卦辞の「虎の尾を履む。人を咥わず。亨る」が伝えるのは、危うさが消えるということではありません。相手の力や状況の厳しさを認識したうえで、礼にかなった歩みを保つことに、通る道があるということです。

その背景には、上に乾、下に兌を配した卦象があります。

乾は剛健さや権威を表し、兌は和悦や柔らかな応答を表します。強い力に接するとき、恐れから固まるのでも、反発して力を競うのでもなく、相手と自分の位置を見極めながら応答する。これが「柔が剛を履む」という構造です。

また、大象の「上下を弁じ、民志を定む」は、立場、責任、権限、領域の境界を明らかにする大切さを示します。境界があるからこそ、必要なことを伝え、自分の役割を果たしながら、相手の領域も尊重できます。

不変卦としての「履」が焦点を当てるのは、これから何が起こるかではなく、今の状況に対して、自分がどのような姿勢を繰り返し選ぶかです。

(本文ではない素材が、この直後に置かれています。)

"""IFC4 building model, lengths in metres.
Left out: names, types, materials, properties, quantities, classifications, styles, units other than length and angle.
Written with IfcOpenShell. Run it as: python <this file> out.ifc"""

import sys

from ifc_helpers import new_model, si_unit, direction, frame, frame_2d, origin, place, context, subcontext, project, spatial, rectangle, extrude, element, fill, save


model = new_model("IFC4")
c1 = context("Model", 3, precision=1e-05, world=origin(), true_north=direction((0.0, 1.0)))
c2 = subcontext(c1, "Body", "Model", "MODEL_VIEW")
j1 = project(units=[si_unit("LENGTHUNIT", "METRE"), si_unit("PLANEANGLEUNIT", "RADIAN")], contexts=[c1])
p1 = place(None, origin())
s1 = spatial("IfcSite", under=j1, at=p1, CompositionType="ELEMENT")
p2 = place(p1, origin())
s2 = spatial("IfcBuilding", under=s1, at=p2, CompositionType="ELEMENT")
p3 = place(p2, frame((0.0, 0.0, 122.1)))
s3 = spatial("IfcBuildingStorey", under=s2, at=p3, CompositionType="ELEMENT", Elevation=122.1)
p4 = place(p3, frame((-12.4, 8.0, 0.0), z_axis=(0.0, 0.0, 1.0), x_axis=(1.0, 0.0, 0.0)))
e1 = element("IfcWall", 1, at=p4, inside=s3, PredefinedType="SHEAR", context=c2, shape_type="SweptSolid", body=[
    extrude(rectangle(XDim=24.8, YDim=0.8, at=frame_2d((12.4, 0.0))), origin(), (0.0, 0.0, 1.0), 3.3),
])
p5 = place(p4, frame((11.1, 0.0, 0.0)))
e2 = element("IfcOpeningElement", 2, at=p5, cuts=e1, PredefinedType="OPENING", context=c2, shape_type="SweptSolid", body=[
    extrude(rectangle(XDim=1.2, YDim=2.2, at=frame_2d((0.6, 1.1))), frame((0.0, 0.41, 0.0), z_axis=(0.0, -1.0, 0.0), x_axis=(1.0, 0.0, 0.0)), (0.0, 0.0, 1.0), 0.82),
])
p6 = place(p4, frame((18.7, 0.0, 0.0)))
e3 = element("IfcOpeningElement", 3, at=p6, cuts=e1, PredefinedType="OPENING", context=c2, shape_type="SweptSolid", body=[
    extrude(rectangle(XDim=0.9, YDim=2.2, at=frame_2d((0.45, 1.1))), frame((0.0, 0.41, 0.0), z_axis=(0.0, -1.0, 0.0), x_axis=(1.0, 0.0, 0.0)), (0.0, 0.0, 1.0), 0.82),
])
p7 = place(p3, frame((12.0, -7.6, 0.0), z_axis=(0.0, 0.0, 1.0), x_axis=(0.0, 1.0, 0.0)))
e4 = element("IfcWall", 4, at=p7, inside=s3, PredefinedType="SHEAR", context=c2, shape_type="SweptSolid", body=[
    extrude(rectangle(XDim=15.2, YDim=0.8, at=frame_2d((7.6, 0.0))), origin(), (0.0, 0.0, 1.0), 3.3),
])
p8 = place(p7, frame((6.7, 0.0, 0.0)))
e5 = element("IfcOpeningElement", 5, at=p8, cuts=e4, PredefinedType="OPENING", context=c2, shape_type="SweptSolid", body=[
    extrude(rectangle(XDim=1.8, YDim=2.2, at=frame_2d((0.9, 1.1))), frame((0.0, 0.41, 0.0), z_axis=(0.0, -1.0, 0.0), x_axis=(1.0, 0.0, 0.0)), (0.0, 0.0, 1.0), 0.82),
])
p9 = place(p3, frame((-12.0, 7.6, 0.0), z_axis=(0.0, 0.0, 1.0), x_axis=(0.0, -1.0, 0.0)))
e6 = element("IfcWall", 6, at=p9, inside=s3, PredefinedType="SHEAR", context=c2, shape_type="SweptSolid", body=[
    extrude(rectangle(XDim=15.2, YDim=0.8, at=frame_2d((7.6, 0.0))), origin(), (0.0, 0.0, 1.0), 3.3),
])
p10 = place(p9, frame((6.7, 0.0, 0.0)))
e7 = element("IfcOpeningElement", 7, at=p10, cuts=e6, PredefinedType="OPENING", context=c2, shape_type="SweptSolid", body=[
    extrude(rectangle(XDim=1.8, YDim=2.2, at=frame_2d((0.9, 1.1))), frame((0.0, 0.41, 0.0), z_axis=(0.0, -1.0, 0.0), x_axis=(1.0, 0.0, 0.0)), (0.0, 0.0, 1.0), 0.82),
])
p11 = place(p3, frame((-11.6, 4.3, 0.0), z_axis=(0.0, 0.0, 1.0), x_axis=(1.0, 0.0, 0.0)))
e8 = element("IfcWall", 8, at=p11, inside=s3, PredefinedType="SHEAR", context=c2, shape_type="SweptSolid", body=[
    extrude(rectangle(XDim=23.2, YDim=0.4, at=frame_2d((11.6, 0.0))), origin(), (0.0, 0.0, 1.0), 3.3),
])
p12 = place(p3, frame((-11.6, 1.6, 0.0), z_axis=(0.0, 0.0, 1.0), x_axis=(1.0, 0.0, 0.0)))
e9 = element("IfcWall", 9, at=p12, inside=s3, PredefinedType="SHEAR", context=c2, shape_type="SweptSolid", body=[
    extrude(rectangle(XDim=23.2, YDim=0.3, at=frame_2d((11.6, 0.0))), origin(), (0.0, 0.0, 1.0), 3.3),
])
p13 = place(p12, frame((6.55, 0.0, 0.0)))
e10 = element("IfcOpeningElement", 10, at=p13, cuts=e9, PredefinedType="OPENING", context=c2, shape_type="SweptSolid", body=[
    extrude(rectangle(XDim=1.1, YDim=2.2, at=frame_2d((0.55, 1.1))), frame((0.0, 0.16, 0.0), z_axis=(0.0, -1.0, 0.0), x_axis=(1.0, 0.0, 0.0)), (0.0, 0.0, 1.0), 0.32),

相手が変わるのを待たなくても、すべての不安がなくならなくても、自分の距離、言葉、判断の順序は見直せます。

今日、緊張を感じる相手や課題があるなら、すぐに大きな答えを出す必要はありません。

まずは、自分がどこに立ち、何を担い、次の一歩でどこまで踏み込むのかを確認してみてください。

礼は、自分を小さくするためのものではありません。危うい場所でも、自分と相手の双方を見失わずに歩くための、静かな支えです。